TheStreet Ratings rates Apollo Residential Mortgage as a sell. The company's weaknesses can be seen in multiple areas, such as its disappointing return on equity, weak operating cash flow and generally disappointing historical performance in the stock itself.

Highlights from the ratings report include:
  • Return on equity has greatly decreased when compared to its ROE from the same quarter one year prior. This is a signal of major weakness within the corporation. Compared to other companies in the Real Estate Investment Trusts (REITs) industry and the overall market, APOLLO RESIDENTIAL MTG INC's return on equity significantly trails that of both the industry average and the S&P 500.
  • Net operating cash flow has decreased to $12.31 million or 35.62% when compared to the same quarter last year. In addition, when comparing to the industry average, the firm's growth rate is much lower.
  • In its most recent trading session, AMTG has closed at a price level that was not very different from its closing price of one year earlier. This is probably due to its weak earnings growth as well as other mixed factors.
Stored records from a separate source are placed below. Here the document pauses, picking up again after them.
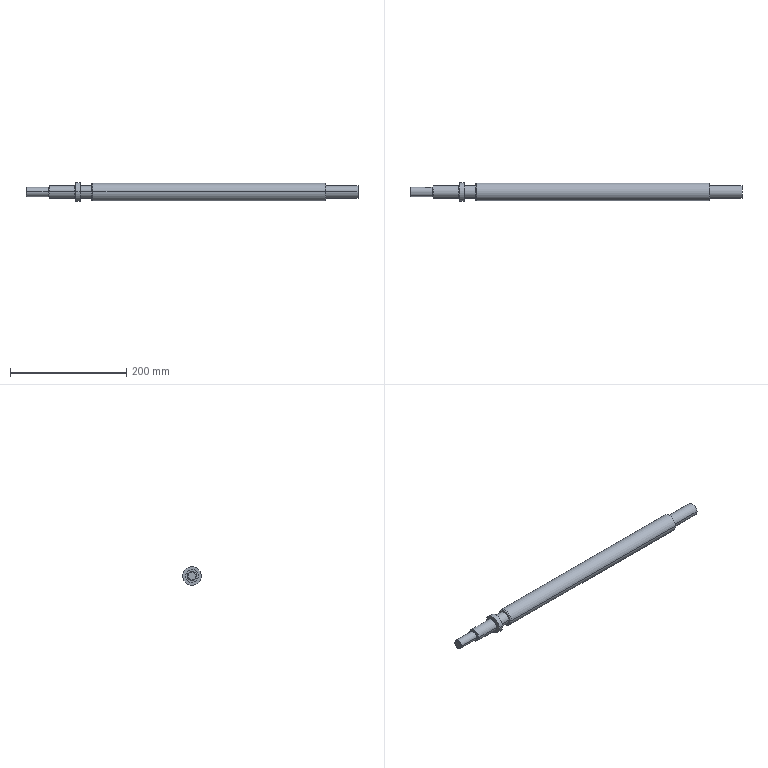Component | SolidWorks | 3LeadScrew-1 | 1 solid | 37 faces | box 570 x 32 x 32 mm | volume 343727 mm3 | cylinder 19 | plane 12 | cone 6 | commonest cylinder face diameters 22 x6 5 x3 16 x2 15 x2 21 x2 32 x2 30 x2
STEP:
#1=COLOUR_RGB('',0.7922,0.8196,0.9333);
#2=FILL_AREA_STYLE_COLOUR('',#1);
#3=FILL_AREA_STYLE('',(#2));
#4=SURFACE_STYLE_FILL_AREA(#3);
#5=SURFACE_SIDE_STYLE('',(#4));
#6=SURFACE_STYLE_USAGE(.BOTH.,#5);
#7=PRESENTATION_STYLE_ASSIGNMENT((#6));
#8=CARTESIAN_POINT('',(-12.116,2.748,-0.005406));
#9=VERTEX_POINT('',#8);
#10=CARTESIAN_POINT('',(-12.214,2.745,-0.1038));
#11=VERTEX_POINT('',#10);
#12=CARTESIAN_POINT('',(-12.214,2.748,-0.005406));
#13=DIRECTION('',(-0.,0.9996,-0.02861));
#14=DIRECTION('',(1.,0.,0.));
#15=AXIS2_PLACEMENT_3D('',#12,#13,#14);
#16=CIRCLE('',#15,0.09843);
#17=EDGE_CURVE('',#9,#11,#16,.T.);
#18=ORIENTED_EDGE('',*,*,#17,.F.);
#19=CARTESIAN_POINT('',(-12.116,2.874,-0.00901));
#20=VERTEX_POINT('',#19);
#21=CARTESIAN_POINT('',(-12.116,2.748,-0.005406));
#22=DIRECTION('',(-0.,0.9996,-0.02861));
#23=VECTOR('',#22,39.37);
#24=LINE('',#21,#23);
#25=EDGE_CURVE('',#9,#20,#24,.T.);
#26=ORIENTED_EDGE('',*,*,#25,.T.);
#27=CARTESIAN_POINT('',(-12.214,2.855,-0.1069));
#28=VERTEX_POINT('',#27);
#29=CARTESIAN_POINT('',(-12.214,2.855,-0.1069));
#30=CARTESIAN_POINT('',(-12.208,2.855,-0.1069));
#31=CARTESIAN_POINT('',(-12.201,2.856,-0.1063));
#32=CARTESIAN_POINT('',(-12.189,2.856,-0.1038));
#33=CARTESIAN_POINT('',(-12.182,2.857,-0.1019));
#34=CARTESIAN_POINT('',(-12.171,2.859,-0.09699));
#35=CARTESIAN_POINT('',(-12.165,2.86,-0.09399));
#36=CARTESIAN_POINT('',(-12.154,2.862,-0.0869));
#37=CARTESIAN_POINT('',(-12.149,2.863,-0.08281));
#38=CARTESIAN_POINT('',(-12.136,2.866,-0.06937));
#39=CARTESIAN_POINT('',(-12.128,2.869,-0.05851));
#40=CARTESIAN_POINT('',(-12.121,2.871,-0.04082));
#41=CARTESIAN_POINT('',(-12.119,2.872,-0.03459));
#42=CARTESIAN_POINT('',(-12.117,2.873,-0.02189));
#43=CARTESIAN_POINT('',(-12.116,2.874,-0.01548));
#44=CARTESIAN_POINT('',(-12.116,2.874,-0.00901));
#45=B_SPLINE_CURVE_WITH_KNOTS('',3,(#29,#30,#31,#32,#33,#34,#35,#36,#37,#38,#39,#40,#41,#42,#43,#44),.UNSPECIFIED.,.F.,.F.,(4,2,2,2,2,2,2,4),(0.,0.0004917,0.0009835,0.001475,0.001967,0.00295,0.003442,0.003934),.UNSPECIFIED.);
#46=EDGE_CURVE('',#28,#20,#45,.T.);
#47=ORIENTED_EDGE('',*,*,#46,.F.);
#48=CARTESIAN_POINT('',(-12.214,2.745,-0.1038));
#49=DIRECTION('',(-0.,0.9996,-0.02861));
#50=VECTOR('',#49,39.37);
#51=LINE('',#48,#50);
#52=EDGE_CURVE('',#11,#28,#51,.T.);
#53=ORIENTED_EDGE('',*,*,#52,.F.);
#54=EDGE_LOOP('',(#18,#26,#47,#53));
#55=FACE_OUTER_BOUND('',#54,.T.);
#56=CARTESIAN_POINT('',(-12.214,2.748,-0.005406));
#57=DIRECTION('',(-0.,0.9996,-0.02861));
#58=DIRECTION('',(1.,0.,0.));
#59=AXIS2_PLACEMENT_3D('',#56,#57,#58);
#60=CYLINDRICAL_SURFACE('',#59,0.09843);
#61=ADVANCED_FACE('',(#55),#60,.F.);
#62=CARTESIAN_POINT('',(-13.583,2.287,0.007791));
#63=VERTEX_POINT('',#62);
#64=CARTESIAN_POINT('',(-13.583,2.831,-0.007791));
#65=VERTEX_POINT('',#64);
#66=CARTESIAN_POINT('',(-13.583,2.559,-0.));
#67=DIRECTION('',(1.,0.,0.));
#68=DIRECTION('',(0.,-0.9996,0.02861));
#69=AXIS2_PLACEMENT_3D('',#66,#67,#68);
#70=CIRCLE('',#69,0.2723);
#71=EDGE_CURVE('',#63,#65,#70,.T.);
#72=ORIENTED_EDGE('',*,*,#71,.T.);
#73=CARTESIAN_POINT('',(-13.54,2.874,-0.00901));
#74=VERTEX_POINT('',#73);
#75=CARTESIAN_POINT('',(-13.583,2.831,-0.007791));
#76=DIRECTION('',(0.7071,0.7068,-0.02023));
#77=VECTOR('',#76,39.37);
#78=LINE('',#75,#77);
#79=EDGE_CURVE('',#65,#74,#78,.T.);
#80=ORIENTED_EDGE('',*,*,#79,.T.);
#81=CARTESIAN_POINT('',(-13.54,2.244,0.00901));
#82=VERTEX_POINT('',#81);
#83=CARTESIAN_POINT('',(-13.54,2.559,-0.));
#84=DIRECTION('',(1.,0.,0.));
#85=DIRECTION('',(0.,-0.9996,0.02861));
#86=AXIS2_PLACEMENT_3D('',#83,#84,#85);
#87=CIRCLE('',#86,0.315);
#88=EDGE_CURVE('',#82,#74,#87,.T.);
#89=ORIENTED_EDGE('',*,*,#88,.F.);
#90=CARTESIAN_POINT('',(-13.583,2.287,0.007791));
#91=DIRECTION('',(0.7071,-0.7068,0.02023));
#92=VECTOR('',#91,39.37);
#93=LINE('',#90,#92);
#94=EDGE_CURVE('',#63,#82,#93,.T.);
#95=ORIENTED_EDGE('',*,*,#94,.F.);
#96=EDGE_LOOP('',(#72,#80,#89,#95));
#97=FACE_OUTER_BOUND('',#96,.T.);
#98=CARTESIAN_POINT('',(-13.583,2.559,-0.));
#99=DIRECTION('',(1.,0.,0.));
#100=DIRECTION('',(0.,-0.9996,0.02861));
#101=AXIS2_PLACEMENT_3D('',#98,#99,#100);
#102=CONICAL_SURFACE('',#101,0.2723,0.7854);
#103=ADVANCED_FACE('',(#97),#102,.T.);
#104=CARTESIAN_POINT('',(-9.134,3.104,-0.01559));
#105=VERTEX_POINT('',#104);
#106=CARTESIAN_POINT('',(-9.134,2.014,0.01559));
#107=VERTEX_POINT('',#106);
#108=CARTESIAN_POINT('',(-9.134,2.559,-0.));
#109=DIRECTION('',(-1.,-0.,-0.));
#110=DIRECTION('',(0.,0.9996,-0.02861));
#111=AXIS2_PLACEMENT_3D('',#108,#109,#110);
#112=CIRCLE('',#111,0.5451);
#113=EDGE_CURVE('',#105,#107,#112,.T.);
#114=ORIENTED_EDGE('',*,*,#113,.F.);
#115=CARTESIAN_POINT('',(-9.055,3.149,-0.01689));
#116=VERTEX_POINT('',#115);
#117=CARTESIAN_POINT('',(-9.134,3.104,-0.01559));
#118=DIRECTION('',(0.866,0.4998,-0.0143));
#119=VECTOR('',#118,39.37);
#120=LINE('',#117,#119);
#121=EDGE_CURVE('',#105,#116,#120,.T.);
#122=ORIENTED_EDGE('',*,*,#121,.T.);
#123=CARTESIAN_POINT('',(-9.055,1.969,0.01689));
#124=VERTEX_POINT('',#123);
#125=CARTESIAN_POINT('',(-9.055,2.559,-0.));
#126=DIRECTION('',(1.,0.,0.));
#127=DIRECTION('',(0.,0.9996,-0.02861));
#128=AXIS2_PLACEMENT_3D('',#125,#126,#127);
#129=CIRCLE('',#128,0.5906);
#130=EDGE_CURVE('',#124,#116,#129,.T.);
#131=ORIENTED_EDGE('',*,*,#130,.F.);
#132=CARTESIAN_POINT('',(-9.134,2.014,0.01559));
#133=DIRECTION('',(0.866,-0.4998,0.0143));
#134=VECTOR('',#133,39.37);
#135=LINE('',#132,#134);
#136=EDGE_CURVE('',#107,#124,#135,.T.);
#137=ORIENTED_EDGE('',*,*,#136,.F.);
#138=EDGE_LOOP('',(#114,#122,#131,#137));
#139=FACE_OUTER_BOUND('',#138,.T.);
#140=CARTESIAN_POINT('',(-9.134,2.559,-0.));
#141=DIRECTION('',(1.,0.,0.));
#142=DIRECTION('',(0.,-0.9996,0.02861));
#143=AXIS2_PLACEMENT_3D('',#140,#141,#142);
#144=CONICAL_SURFACE('',#143,0.5451,0.5236);
#145=ADVANCED_FACE('',(#139),#144,.T.);
#146=CARTESIAN_POINT('',(6.693,2.047,0.01464));
#147=VERTEX_POINT('',#146);
#148=CARTESIAN_POINT('',(6.693,3.071,-0.01464));
#149=VERTEX_POINT('',#148);
#150=CARTESIAN_POINT('',(6.693,2.559,-0.));
#151=DIRECTION('',(1.,0.,0.));
#152=DIRECTION('',(0.,0.9996,-0.02861));
#153=AXIS2_PLACEMENT_3D('',#150,#151,#152);
#154=CIRCLE('',#153,0.5118);
#155=EDGE_CURVE('',#147,#149,#154,.T.);
#156=ORIENTED_EDGE('',*,*,#155,.F.);
#157=CARTESIAN_POINT('',(6.647,1.969,0.01689));
#158=VERTEX_POINT('',#157);
#159=CARTESIAN_POINT('',(6.647,1.969,0.01689));
#160=DIRECTION('',(-0.5,-0.8657,0.02477));
#161=VECTOR('',#160,39.37);
#162=LINE('',#159,#161);
#163=EDGE_CURVE('',#147,#158,#162,.T.);
#164=ORIENTED_EDGE('',*,*,#163,.T.);
#165=CARTESIAN_POINT('',(6.647,3.149,-0.01689));
#166=VERTEX_POINT('',#165);
#167=CARTESIAN_POINT('',(6.647,2.559,-0.));
#168=DIRECTION('',(-1.,-0.,-0.));
#169=DIRECTION('',(0.,0.9996,-0.02861));
#170=AXIS2_PLACEMENT_3D('',#167,#168,#169);
#171=CIRCLE('',#170,0.5906);
#172=EDGE_CURVE('',#166,#158,#171,.T.);
#173=ORIENTED_EDGE('',*,*,#172,.F.);
#174=CARTESIAN_POINT('',(6.647,3.149,-0.01689));
#175=DIRECTION('',(-0.5,0.8657,-0.02477));
#176=VECTOR('',#175,39.37);
#177=LINE('',#174,#176);
#178=EDGE_CURVE('',#149,#166,#177,.T.);
#179=ORIENTED_EDGE('',*,*,#178,.F.);
#180=EDGE_LOOP('',(#156,#164,#173,#179));
#181=FACE_OUTER_BOUND('',#180,.T.);
#182=CARTESIAN_POINT('',(6.647,2.559,-0.));
#183=DIRECTION('',(-1.,-0.,-0.));
#184=DIRECTION('',(0.,0.9996,-0.02861));
#185=AXIS2_PLACEMENT_3D('',#182,#183,#184);
#186=CONICAL_SURFACE('',#185,0.5906,1.047);
#187=ADVANCED_FACE('',(#181),#186,.T.);
#188=ORIENTED_EDGE('',*,*,#88,.T.);
#189=CARTESIAN_POINT('',(-12.588,2.874,-0.00901));
#190=VERTEX_POINT('',#189);
#191=CARTESIAN_POINT('',(-13.583,2.874,-0.00901));
#192=DIRECTION('',(1.,0.,0.));
#193=VECTOR('',#192,39.37);
#194=LINE('',#191,#193);
#195=EDGE_CURVE('',#74,#190,#194,.T.);
#196=ORIENTED_EDGE('',*,*,#195,.T.);
#197=CARTESIAN_POINT('',(-12.49,2.855,-0.1069));
#198=VERTEX_POINT('',#197);
#199=CARTESIAN_POINT('',(-12.588,2.874,-0.00901));
#200=CARTESIAN_POINT('',(-12.588,2.874,-0.01547));
#201=CARTESIAN_POINT('',(-12.588,2.873,-0.02202));
#202=CARTESIAN_POINT('',(-12.585,2.872,-0.03464));
#203=CARTESIAN_POINT('',(-12.583,2.871,-0.04077));
#204=CARTESIAN_POINT('',(-12.578,2.87,-0.05269));
#205=CARTESIAN_POINT('',(-12.575,2.869,-0.05835));
#206=CARTESIAN_POINT('',(-12.568,2.866,-0.0689));
#207=CARTESIAN_POINT('',(-12.564,2.865,-0.07387));
#208=CARTESIAN_POINT('',(-12.555,2.863,-0.08287));
#209=CARTESIAN_POINT('',(-12.55,2.862,-0.08688));
#210=CARTESIAN_POINT('',(-12.539,2.86,-0.09395));
#211=CARTESIAN_POINT('',(-12.534,2.859,-0.09701));
#212=CARTESIAN_POINT('',(-12.522,2.857,-0.1019));
#213=CARTESIAN_POINT('',(-12.516,2.856,-0.1038));
#214=CARTESIAN_POINT('',(-12.503,2.856,-0.1063));
#215=CARTESIAN_POINT('',(-12.496,2.855,-0.1069));
#216=CARTESIAN_POINT('',(-12.49,2.855,-0.1069));
#217=B_SPLINE_CURVE_WITH_KNOTS('',3,(#199,#200,#201,#202,#203,#204,#205,#206,#207,#208,#209,#210,#211,#212,#213,#214,#215,#216),.UNSPECIFIED.,.F.,.F.,(4,2,2,2,2,2,2,2,4),(0.003934,0.004425,0.004916,0.005407,0.005898,0.006389,0.006881,0.007372,0.007863),.UNSPECIFIED.);
#218=EDGE_CURVE('',#190,#198,#217,.T.);
#219=ORIENTED_EDGE('',*,*,#218,.T.);
#220=CARTESIAN_POINT('',(-13.583,2.855,-0.1069));
#221=DIRECTION('',(1.,0.,0.));
#222=VECTOR('',#221,39.37);
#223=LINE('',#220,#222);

The fact that the stock is now selling for less than others in its industry in relation to its current earnings is not reason enough to justify a buy rating at this time.
  • AMTG, with its decline in revenue, underperformed when compared the industry average of 10.3%. Since the same quarter one year prior, revenues slightly dropped by 0.2%. The declining revenue has not hurt the company's bottom line, with increasing earnings per share.
  • APOLLO RESIDENTIAL MTG INC reported significant earnings per share improvement in the most recent quarter compared to the same quarter a year ago. This company has reported somewhat volatile earnings recently. But, we feel it is poised for EPS growth in the coming year. During the past fiscal year, APOLLO RESIDENTIAL MTG INC swung to a loss, reporting -$1.91 versus $8.19 in the prior year. This year, the market expects an improvement in earnings ($2.12 versus -$1.91).

STOCKS TO BUY: TheStreet Quant Ratings has identified a handful of stocks that can potentially TRIPLE in the next 12 months. Learn more.

Five Oaks Investment

Dividend Yield: 12.30%

Five Oaks Investment (NYSE: OAKS) shares currently have a dividend yield of 12.30%.

Five Oaks Investment Corp. focuses on investing, financing, and managing agency and non-agency residential mortgage-backed securities (RMBS), residential mortgage loans, multi-family MBS, and other mortgage-related investments. It would elect to be taxed as a real estate investment trust.

The average volume for Five Oaks Investment has been 100,000 shares per day over the past 30 days. Five Oaks Investment has a market cap of $130.2 million and is part of the real estate industry. Shares are up 15.4% year-to-date as of the close of trading on Friday.

TheStreet Ratings rates Five Oaks Investment as a sell. Among the areas we feel are negative, one of the most important has been generally deteriorating net income.

Highlights from the ratings report include:
  • The company, on the basis of change in net income from the same quarter one year ago, has significantly underperformed when compared to that of the S&P 500 and the Real Estate Investment Trusts (REITs) industry. The net income has significantly decreased by 266.3% when compared to the same quarter one year ago, falling from $1.53 million to -$2.54 million.
  • FIVE OAKS INVESTMENT CORP has experienced a steep decline in earnings per share in the most recent quarter in comparison to its performance from the same quarter a year ago. This year, the market expects an improvement in earnings ($0.79 versus $0.43).
  • The share price of FIVE OAKS INVESTMENT CORP has not done very well: it is down 10.08% and has underperformed the S&P 500, in part reflecting the company's sharply declining earnings per share when compared to the year-earlier quarter.
  • Compared to other companies in the Real Estate Investment Trusts (REITs) industry and the overall market, FIVE OAKS INVESTMENT CORP's return on equity significantly trails that of both the industry average and the S&P 500.
  • The gross profit margin for FIVE OAKS INVESTMENT CORP is rather high; currently it is at 59.11%. It has increased from the same quarter the previous year. Regardless of the strong results of the gross profit margin, the net profit margin of -65.02% is in-line with the industry average.